Bon, le débat s'élève d'un seul coup...
Pour moi aussi, à l'origine, la minéralité était UNIQUEMENT liée à certains arômes que Luc décrit et liste parfaitement : pierre à fusil/silex frotté, craie, mine de crayon/ graphite. Néanmoins, aujourd'hui, le mot minéralité ne se limite plus à cela. En effet, ce type d'arômes ne se retrouvent que dans très peu de vins, bien ciblés (cf. sauvignon : pierre à fusil; syrah et cabernet-franc : graphite) alors que le terme est employé pour tous les cépages, y compris par exemple un grenache blanc à 14° une roussanne de l'Hermitage en surmaturité.
Donc, la minéralité dépasse aujourd'hui l'aspect aromatique. Une belle preuve dans la dernière RVF que je feuillette à l'instant. Match amical Leflaive/Coche-Dury. Emploi du mot minéralité ou référence au minéral : 16 fois ! Et toujours dans les vins les mieux notés. A quels arômes de chardonnay élevés en barriques neuves fait-on allusion ? Pour moi, c'est un mystère. Pourtant, la sensation éprouvée et retranscrite par le journaliste est sincère et profonde. Mais que veut il exprimer ? Surtout dans des vins issus de millésimes très différents dont certains, à l'évidence, très très mûrs. Il parle d'arômes de coquille d'huître. Hors, si l'huître sens fort, sa coquille nettoyée ne sens pas grand chose, même quand on la broît. Qu'a t'il senti ? Qu'à t'il éprouvé ?
Pourquoi Jérôme et Luc (et bien d'autres et non des moindres...) rajoutent-ils les hydrocarbures ou les terpènes à la liste des arômes minéraux, alors que toutes les études sur le muscat, par exemple, montrent bien que ces arômes ne dépendent que de la date de vendange et de la façon de presser ou de vinifier ? Pour moi, ces n'évoquent en rien le minéral. Pourtant, par facilité, pour beaucoup, le vin est n'est plus qualifié d'un arôme précis mais englobé dans un mystérieux "minéral"...
Pas plus de minéralité pour moi dans les arômes animaux, sanguins ou assimilés aux métaux, pourtant souvent décris comme minéraux, comme le souligne Luc à juste titre.

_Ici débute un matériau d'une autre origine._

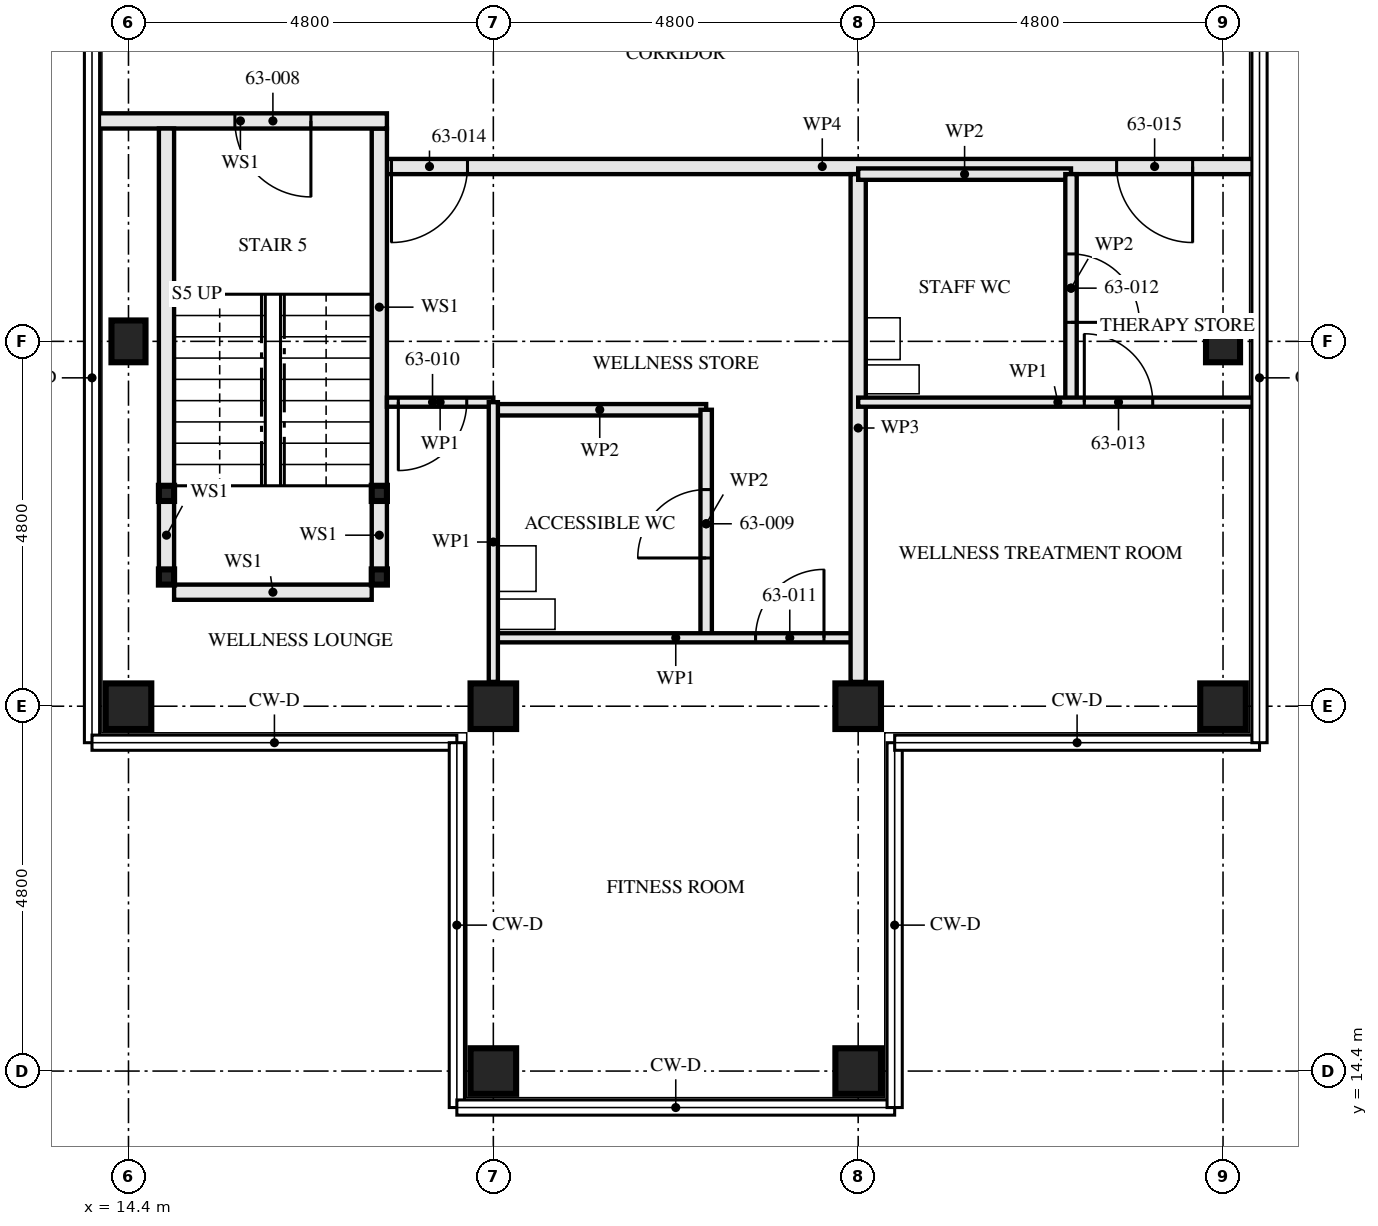
"""IFC4 building model, lengths in metres.
Left out: names, types, materials, properties, quantities, classifications, styles, units other than length and angle.
Written with IfcOpenShell. Run it as: python <this file> out.ifc"""

import sys

from ifc_helpers import new_model, si_unit, direction, frame, frame_2d, origin, origin_2d, place, context, subcontext, project, spatial, rectangle, hollow_rectangle, i_section, extrude, element, fill, save


model = new_model("IFC4")
c1 = context("Model", 3, precision=1e-05, world=origin(), true_north=direction((0.0, 1.0)))
c2 = subcontext(c1, "Body", "Model", "MODEL_VIEW")
j1 = project(units=[si_unit("LENGTHUNIT", "METRE"), si_unit("PLANEANGLEUNIT", "RADIAN")], contexts=[c1])
p1 = place(None, origin())
s1 = spatial("IfcSite", under=j1, at=p1, CompositionType="ELEMENT")
p2 = place(p1, origin())
s2 = spatial("IfcBuilding", under=s1, at=p2, CompositionType="ELEMENT")
p3 = place(p2, frame((0.0, 0.0, 229.5)))
s3 = spatial("IfcBuildingStorey", under=s2, at=p3, CompositionType="ELEMENT", Elevation=229.5)
p4 = place(p3, frame((14.4, 19.2, 0.0), z_axis=(0.0, 0.0, 1.0), x_axis=(0.0, 1.0, 0.0)))
e1 = element("IfcColumn", 1, at=p4, inside=s3, PredefinedType="COLUMN", context=c2, shape_type="SweptSolid", body=[
    extrude(hollow_rectangle(XDim=0.6, YDim=0.6, WallThickness=0.05, at=origin_2d()), origin(), (0.0, 0.0, 1.0), 3.5),
])
p5 = place(p3, frame((14.4, 24.0, 0.0), z_axis=(0.0, 0.0, 1.0), x_axis=(1.0, 0.0, 0.0)))
e2 = element("IfcColumn", 2, at=p5, inside=s3, PredefinedType="COLUMN", context=c2, shape_type="SweptSolid", body=[
    extrude(i_section(OverallWidth=0.448, OverallDepth=0.55, WebThickness=0.072, FlangeThickness=0.115, FilletRadius=0.015, at=origin_2d()), origin(), (0.0, 0.0, 1.0), 3.5),
])
for number, where, z_axis, x_axis in (
    (3, (19.2, 14.4, 0.0), (0.0, 0.0, 1.0), (0.0, 1.0, 0.0)),
    (4, (19.2, 19.2, 0.0), (0.0, 0.0, 1.0), (0.0, 1.0, 0.0)),
    (5, (24.0, 14.4, 0.0), (0.0, 0.0, 1.0), (0.0, 1.0, 0.0)),
    (6, (24.0, 19.2, 0.0), (0.0, 0.0, 1.0), (0.0, 1.0, 0.0)),
    (7, (28.8, 19.2, 0.0), (0.0, 0.0, 1.0), (0.0, 1.0, 0.0)),
):
    element("IfcColumn", number, at=place(p3, frame(where, z_axis=z_axis, x_axis=x_axis)), inside=s3, PredefinedType="COLUMN", context=c2, shape_type="SweptSolid", body=[
        extrude(hollow_rectangle(XDim=0.6, YDim=0.6, WallThickness=0.05, at=origin_2d()), origin(), (0.0, 0.0, 1.0), 3.5),
    ])
p6 = place(p3, frame((28.8, 24.0, 0.0), z_axis=(0.0, 0.0, 1.0), x_axis=(1.0, 0.0, 0.0)))
e8 = element("IfcColumn", 8, at=p6, inside=s3, PredefinedType="COLUMN", context=c2, shape_type="SweptSolid", body=[
    extrude(i_section(OverallWidth=0.448, OverallDepth=0.55, WebThickness=0.072, FlangeThickness=0.115, FilletRadius=0.015, at=origin_2d()), origin(), (0.0, 0.0, 1.0), 3.5),
])
for number, where, z_axis, x_axis in (
    (9, (14.9, 20.9, 0.0), (0.0, 0.0, 1.0), (1.0, 0.0, 0.0)),
    (10, (17.7, 20.9, 0.0), (0.0, 0.0, 1.0), (1.0, 0.0, 0.0)),
    (11, (14.9, 22.0, 0.0), (0.0, 0.0, 1.0), (1.0, 0.0, 0.0)),
    (12, (17.7, 22.0, 0.0), (0.0, 0.0, 1.0), (1.0, 0.0, 0.0)),
):
    element("IfcColumn", number, at=place(p3, frame(where, z_axis=z_axis, x_axis=x_axis)), inside=s3, PredefinedType="COLUMN", context=c2, shape_type="SweptSolid", body=[
        extrude(hollow_rectangle(XDim=0.2, YDim=0.2, WallThickness=0.008, at=origin_2d()), origin(), (0.0, 0.0, 1.0), 3.33),
    ])
p7 = place(p3, frame((14.9, 21.0, 0.0), z_axis=(0.0, 0.0, 1.0), x_axis=(0.0, 1.0, 0.0)))
e13 = element("IfcWall", 13, at=p7, inside=s3, PredefinedType="SOLIDWALL", context=c2, shape_type="SweptSolid", body=[
    extrude(rectangle(XDim=0.9, YDim=0.2, at=frame_2d((0.45, 0.0))), origin(), (0.0, 0.0, 1.0), 2.99),
])
p8 = place(p3, frame((14.9, 22.1, 0.0), z_axis=(0.0, 0.0, 1.0), x_axis=(0.0, 1.0, 0.0)))
e14 = element("IfcWall", 14, at=p8, inside=s3, PredefinedType="SOLIDWALL", context=c2, shape_type="SweptSolid", body=[
    extrude(rectangle(XDim=4.7, YDim=0.2, at=frame_2d((2.35, 0.0))), origin(), (0.0, 0.0, 1.0), 2.99),
])
p9 = place(p3, frame((17.7, 21.0, 0.0), z_axis=(0.0, 0.0, 1.0), x_axis=(0.0, 1.0, 0.0)))
e15 = element("IfcWall", 15, at=p9, inside=s3, PredefinedType="SOLIDWALL", context=c2, shape_type="SweptSolid", body=[
    extrude(rectangle(XDim=0.9, YDim=0.2, at=frame_2d((0.45, 0.0))), origin(), (0.0, 0.0, 1.0), 2.99),
])
p10 = place(p3, frame((17.7, 22.1, 0.0), z_axis=(0.0, 0.0, 1.0), x_axis=(0.0, 1.0, 0.0)))
e16 = element("IfcWall", 16, at=p10, inside=s3, PredefinedType="SOLIDWALL", context=c2, shape_type="SweptSolid", body=[
    extrude(rectangle(XDim=4.7, YDim=0.2, at=frame_2d((2.35, 0.0))), origin(), (0.0, 0.0, 1.0), 2.99),
])
p11 = place(p3, frame((15.0, 20.7, 0.0), z_axis=(0.0, 0.0, 1.0), x_axis=(1.0, 0.0, 0.0)))
e17 = element("IfcWall", 17, at=p11, inside=s3, PredefinedType="SOLIDWALL", context=c2, shape_type="SweptSolid", body=[
    extrude(rectangle(XDim=2.6, YDim=0.2, at=frame_2d((1.3, 0.0))), origin(), (0.0, 0.0, 1.0), 3.33),
])
p12 = place(p3, frame((13.945, 26.9, 0.0), z_axis=(0.0, 0.0, 1.0), x_axis=(1.0, 0.0, 0.0)))
e18 = element("IfcWall", 18, at=p12, inside=s3, PredefinedType="SOLIDWALL", context=c2, shape_type="SweptSolid", body=[
    extrude(rectangle(XDim=3.855, YDim=0.2, at=frame_2d((1.927, 0.0))), origin(), (0.0, 0.0, 1.0), 2.32),
])
p13 = place(p12, frame((1.855, 0.0, 0.0)))
e19 = element("IfcOpeningElement", 19, at=p13, cuts=e18, PredefinedType="OPENING", context=c2, shape_type="SweptSolid", body=[
    extrude(rectangle(XDim=1.0, YDim=2.1, at=frame_2d((0.5, 1.05))), frame((0.0, 0.111, 0.0), z_axis=(0.0, -1.0, 0.0), x_axis=(1.0, 0.0, 0.0)), (0.0, 0.0, 1.0), 0.221),
])
p14 = place(p3, frame((22.0, 20.1, 0.0), z_axis=(0.0, 0.0, 1.0), x_axis=(0.0, 1.0, 0.0)))
e20 = element("IfcWall", 20, at=p14, inside=s3, PredefinedType="PARTITIONING", context=c2, shape_type="SweptSolid", body=[
    extrude(rectangle(XDim=3.0, YDim=0.15, at=frame_2d((1.5, 0.0))), origin(), (0.0, 0.0, 1.0), 3.33),
])
p15 = place(p14, frame((1.05, 0.0, 0.0)))
e21 = element("IfcOpeningElement", 21, at=p15, cuts=e20, PredefinedType="OPENING", context=c2, shape_type="SweptSolid", body=[
    extrude(rectangle(XDim=0.9, YDim=2.1, at=frame_2d((0.45, 1.05))), frame((0.0, 0.085, 0.0), z_axis=(0.0, -1.0, 0.0), x_axis=(1.0, 0.0, 0.0)), (0.0, 0.0, 1.0), 0.171),
])
p16 = place(p3, frame((19.2, 23.1, 0.0), z_axis=(0.0, 0.0, 1.0), x_axis=(1.0, 0.0, 0.0)))
e22 = element("IfcWall", 22, at=p16, inside=s3, PredefinedType="PARTITIONING", context=c2, shape_type="SweptSolid", body=[
    extrude(rectangle(XDim=2.8, YDim=0.15, at=frame_2d((1.4, 0.0))), origin(), (0.0, 0.0, 1.0), 3.33),
])
p17 = place(p3, frame((17.8, 23.2, 0.0), z_axis=(0.0, 0.0, 1.0), x_axis=(1.0, 0.0, 0.0)))
e23 = element("IfcWall", 23, at=p17, inside=s3, PredefinedType="PARTITIONING", context=c2, shape_type="SweptSolid", body=[
    extrude(rectangle(XDim=1.4, YDim=0.12, at=frame_2d((0.7, 0.0))), origin(), (0.0, 0.0, 1.0), 3.33),
])
p18 = place(p17, frame((0.15, 0.0, 0.0)))
e24 = element("IfcOpeningElement", 24, at=p18, cuts=e23, PredefinedType="OPENING", context=c2, shape_type="SweptSolid", body=[
    extrude(rectangle(XDim=0.9, YDim=2.1, at=frame_2d((0.45, 1.05))), frame((0.0, 0.071, 0.0), z_axis=(0.0, -1.0, 0.0), x_axis=(1.0, 0.0, 0.0)), (0.0, 0.0, 1.0), 0.141),
])
p19 = place(p3, frame((19.2, 20.1, 0.0), z_axis=(0.0, 0.0, 1.0), x_axis=(1.0, 0.0, 0.0)))
e25 = element("IfcWall", 25, at=p19, inside=s3, PredefinedType="PARTITIONING", context=c2, shape_type="SweptSolid", body=[
    extrude(rectangle(XDim=4.8, YDim=0.12, at=frame_2d((2.4, 0.0))), origin(), (0.0, 0.0, 1.0), 3.33),
])
p20 = place(p19, frame((3.45, 0.0, 0.0)))
e26 = element("IfcOpeningElement", 26, at=p20, cuts=e25, PredefinedType="OPENING", context=c2, shape_type="SweptSolid", body=[
    extrude(rectangle(XDim=0.9, YDim=2.1, at=frame_2d((0.45, 1.05))), frame((0.0, 0.071, 0.0), z_axis=(0.0, -1.0, 0.0), x_axis=(1.0, 0.0, 0.0)), (0.0, 0.0, 1.0), 0.141),
])
p21 = place(p3, frame((19.2, 19.52, 0.0), z_axis=(0.0, 0.0, 1.0), x_axis=(0.0, 1.0, 0.0)))
e27 = element("IfcWall", 27, at=p21, inside=s3, PredefinedType="PARTITIONING", context=c2, shape_type="SweptSolid", body=[
    extrude(rectangle(XDim=3.68, YDim=0.12, at=frame_2d((1.84, 0.0))), origin(), (0.0, 0.0, 1.0), 2.55),
])
p22 = place(p3, frame((24.0, 19.52, 0.0), z_axis=(0.0, 0.0, 1.0), x_axis=(0.0, 1.0, 0.0)))
e28 = element("IfcWall", 28, at=p22, inside=s3, PredefinedType="PARTITIONING", context=c2, shape_type="SweptSolid", body=[
    extrude(rectangle(XDim=6.68, YDim=0.2, at=frame_2d((3.34, 0.0))), origin(), (0.0, 0.0, 1.0), 2.55),
])
p23 = place(p3, frame((26.8, 23.2, 0.0), z_axis=(0.0, 0.0, 1.0), x_axis=(0.0, 1.0, 0.0)))
e29 = element("IfcWall", 29, at=p23, inside=s3, PredefinedType="PARTITIONING", context=c2, shape_type="SweptSolid", body=[
    extrude(rectangle(XDim=3.0, YDim=0.15, at=frame_2d((1.5, 0.0))), origin(), (0.0, 0.0, 1.0), 2.55),
])
p24 = place(p23, frame((1.05, 0.0, 0.0)))
e30 = element("IfcOpeningElement", 30, at=p24, cuts=e29, PredefinedType="OPENING", context=c2, shape_type="SweptSolid", body=[
    extrude(rectangle(XDim=0.9, YDim=2.1, at=frame_2d((0.45, 1.05))), frame((0.0, 0.085, 0.0), z_axis=(0.0, -1.0, 0.0), x_axis=(1.0, 0.0, 0.0)), (0.0, 0.0, 1.0), 0.171),
])
p25 = place(p3, frame((24.0, 26.2, 0.0), z_axis=(0.0, 0.0, 1.0), x_axis=(1.0, 0.0, 0.0)))
e31 = element("IfcWall", 31, at=p25, inside=s3, PredefinedType="PARTITIONING", context=c2, shape_type="SweptSolid", body=[
    extrude(rectangle(XDim=2.8, YDim=0.15, at=frame_2d((1.4, 0.0))), origin(), (0.0, 0.0, 1.0), 3.33),
])
p26 = place(p3, frame((24.0, 23.2, 0.0), z_axis=(0.0, 0.0, 1.0), x_axis=(1.0, 0.0, 0.0)))
e32 = element("IfcWall", 32, at=p26, inside=s3, PredefinedType="PARTITIONING", context=c2, shape_type="SweptSolid", body=[
    extrude(rectangle(XDim=5.255, YDim=0.12, at=frame_2d((2.627, 0.0))), origin(), (0.0, 0.0, 1.0), 2.32),
])
p27 = place(p26, frame((2.975, 0.0, 0.0)))
e33 = element("IfcOpeningElement", 33, at=p27, cuts=e32, PredefinedType="OPENING", context=c2, shape_type="SweptSolid", body=[
    extrude(rectangle(XDim=0.9, YDim=2.1, at=frame_2d((0.45, 1.05))), frame((0.0, 0.071, 0.0), z_axis=(0.0, -1.0, 0.0), x_axis=(1.0, 0.0, 0.0)), (0.0, 0.0, 1.0), 0.141),
])
p28 = place(p3, frame((17.8, 26.3, 0.0), z_axis=(0.0, 0.0, 1.0), x_axis=(1.0, 0.0, 0.0)))
e34 = element("IfcWall", 34, at=p28, inside=s3, PredefinedType="PARTITIONING", context=c2, shape_type="SweptSolid", body=[
    extrude(rectangle(XDim=11.455, YDim=0.2, at=frame_2d((5.728, 0.0))), origin(), (0.0, 0.0, 1.0), 2.32),
])
p29 = place(p28, frame((0.06, 0.0, 0.0)))
e35 = element("IfcOpeningElement", 35, at=p29, cuts=e34, PredefinedType="OPENING", context=c2, shape_type="SweptSolid", body=[
    extrude(rectangle(XDim=1.0, YDim=2.1, at=frame_2d((0.5, 1.05))), frame((0.0, 0.111, 0.0), z_axis=(0.0, -1.0, 0.0), x_axis=(1.0, 0.0, 0.0)), (0.0, 0.0, 1.0), 0.221),
])
p30 = place(p28, frame((9.6, 0.0, 0.0)))
e36 = element("IfcOpeningElement", 36, at=p30, cuts=e34, PredefinedType="OPENING", context=c2, shape_type="SweptSolid", body=[
    extrude(rectangle(XDim=1.0, YDim=2.1, at=frame_2d((0.5, 1.05))), frame((0.0, 0.111, 0.0), z_axis=(0.0, -1.0, 0.0), x_axis=(1.0, 0.0, 0.0)), (0.0, 0.0, 1.0), 0.221),
])
p31 = place(p13, frame((1.0, 0.0, 0.0), z_axis=(0.0, 0.0, 1.0), x_axis=(-1.0, 0.0, 0.0)))
e37 = element("IfcDoor", 37, at=p31, inside=s3, OperationType="SINGLE_SWING_RIGHT", PredefinedType="DOOR", context=c2, shape_type="SweptSolid", body=[
    extrude(rectangle(XDim=1.0, YDim=2.1, at=frame_2d((0.5, 1.05))), frame((0.0, 0.032, 0.0), z_axis=(0.0, -1.0, 0.0), x_axis=(1.0, 0.0, 0.0)), (0.0, 0.0, 1.0), 0.064),
])
fill(e19, e37)
p32 = place(p15, origin())
e38 = element("IfcDoor", 38, at=p32, inside=s3, OperationType="SINGLE_SWING_RIGHT", PredefinedType="DOOR", context=c2, shape_type="SweptSolid", body=[
    extrude(rectangle(XDim=0.9, YDim=2.1, at=frame_2d((0.45, 1.05))), frame((0.0, 0.022, 0.0), z_axis=(0.0, -1.0, 0.0), x_axis=(1.0, 0.0, 0.0)), (0.0, 0.0, 1.0), 0.044),
])
fill(e21, e38)
p33 = place(p18, frame((0.9, 0.0, 0.0), z_axis=(0.0, 0.0, 1.0), x_axis=(-1.0, 0.0, 0.0)))
e39 = element("IfcDoor", 39, at=p33, inside=s3, OperationType="SINGLE_SWING_LEFT", PredefinedType="DOOR", context=c2, shape_type="SweptSolid", body=[
    extrude(rectangle(XDim=0.9, YDim=2.1, at=frame_2d((0.45, 1.05))), frame((0.0, 0.022, 0.0), z_axis=(0.0, -1.0, 0.0), x_axis=(1.0, 0.0, 0.0)), (0.0, 0.0, 1.0), 0.044),
])
fill(e24, e39)
p34 = place(p20, origin())
e40 = element("IfcDoor", 40, at=p34, inside=s3, OperationType="SINGLE_SWING_LEFT", PredefinedType="DOOR", context=c2, shape_type="SweptSolid", body=[
    extrude(rectangle(XDim=0.9, YDim=2.1, at=frame_2d((0.45, 1.05))), frame((0.0, 0.022, 0.0), z_axis=(0.0, -1.0, 0.0), x_axis=(1.0, 0.0, 0.0)), (0.0, 0.0, 1.0), 0.044),
])
fill(e26, e40)
p35 = place(p24, frame((0.9, 0.0, 0.0), z_axis=(0.0, 0.0, 1.0), x_axis=(-1.0, 0.0, 0.0)))
e41 = element("IfcDoor", 41, at=p35, inside=s3, OperationType="SINGLE_SWING_LEFT", PredefinedType="DOOR", context=c2, shape_type="SweptSolid", body=[
    extrude(rectangle(XDim=0.9, YDim=2.1, at=frame_2d((0.45, 1.05))), frame((0.0, 0.022, 0.0), z_axis=(0.0, -1.0, 0.0), x_axis=(1.0, 0.0, 0.0)), (0.0, 0.0, 1.0), 0.044),
])
fill(e30, e41)
p36 = place(p27, origin())
e42 = element("IfcDoor", 42, at=p36, inside=s3, OperationType="SINGLE_SWING_RIGHT", PredefinedType="DOOR", context=c2, shape_type="SweptSolid", body=[
    extrude(rectangle(XDim=0.9, YDim=2.1, at=frame_2d((0.45, 1.05))), frame((0.0, 0.022, 0.0), z_axis=(0.0, -1.0, 0.0), x_axis=(1.0, 0.0, 0.0)), (0.0, 0.0, 1.0), 0.044),
])
fill(e33, e42)
p37 = place(p29, frame((1.0, 0.0, 0.0), z_axis=(0.0, 0.0, 1.0), x_axis=(-1.0, 0.0, 0.0)))
e43 = element("IfcDoor", 43, at=p37, inside=s3, OperationType="SINGLE_SWING_LEFT", PredefinedType="DOOR", context=c2, shape_type="SweptSolid", body=[
    extrude(rectangle(XDim=1.0, YDim=2.1, at=frame_2d((0.5, 1.05))), frame((0.0, 0.027, 0.0), z_axis=(0.0, -1.0, 0.0), x_axis=(1.0, 0.0, 0.0)), (0.0, 0.0, 1.0), 0.054),
])
fill(e35, e43)
p38 = place(p30, frame((1.0, 0.0, 0.0), z_axis=(0.0, 0.0, 1.0), x_axis=(-1.0, 0.0, 0.0)))
e44 = element("IfcDoor", 44, at=p38, inside=s3, OperationType="SINGLE_SWING_RIGHT", PredefinedType="DOOR", context=c2, shape_type="SweptSolid", body=[
    extrude(rectangle(XDim=1.0, YDim=2.1, at=frame_2d((0.5, 1.05))), frame((0.0, 0.027, 0.0), z_axis=(0.0, -1.0, 0.0), x_axis=(1.0, 0.0, 0.0)), (0.0, 0.0, 1.0), 0.054),
])
fill(e36, e44)
save(model, sys.argv[1])

En revanche, Jérôme aborde l'aspect de la fraîcheur, du fruit, de l'acidité. Il est clair que l'amateur de vin d'aujourd'hui a été un peu écÅ“uré des excès de concentrations des années 90 ou un IPT de 100 minimum était le but recherché (avant tout à bordeaux et aux USA pour tenter bêtement de séduire Bob). Une envie de fraîcheur, le désir sincère d'une acidité plus forte pour contrebalancer des concentrations naturelles, quoi de plus naturel alors ? Mais pourquoi ne pas parler simplement de vin plus acide, plus frais ? Pour cela, le travail des sols et de la vigne en vert, une vendange de raisins mûrs et non surmuris et un élevage en milieu juste ce qu'il faut réducteur apporte un réel équilibre aux vins de bonne souche géologique.
Donc, minéralité = bonne acidité ? Pour moi, cela semble correspondre en tout cas aux réflexions que j'entends ou lis. En ce qui me concerne, si je sors (à contre-cÅ“ur...) de l'aspect aromatique, je ressent parfois, surtout pour les vins blanc, une sensation plus "vive", plus "pure", plus "naturelle" qui me donne l'impression que le vin, telle une source ou un torrent, véhicule une sorte d'énergie, rare, qui me plaît. J'ai bu hier soir un champagne "substance" de Selosse qui, je l'avoue, m'a donné envie de parler de "minéralité". Cela fait il le même effet à certains ? Si oui dans quels vins ?
En ce qui concerne le reniement de notre "négritude", je trouve le sujet passionnant et fort habilement imagé. Je me permettrait de le ressortir en te citant, Jérôme. J'aime l'idée que des vignerons suivent des voies différentes et plaisent à des publics différents. Cela pourrait faire l'objet d'un forum à part entière où l'on ne pourra que regretter que plus de vignerons ne s'expriment pas. Je ne vois pas en tout cas pourquoi l'école "bourguignone" qui gagne aujourd'hui du terrain en L.R. sur l'école "méditerranéenne" toujours largement majoritaire aurait le monopole de la "minéralité". Même à plus de 15 ° et élevé en bois neuf (souvent totalement insensible dans les vins bien élevés), un grenache peut, pour moi, avoir cette netteté, cette évidence, cet éclat qui me donne envie de parler de minéralité.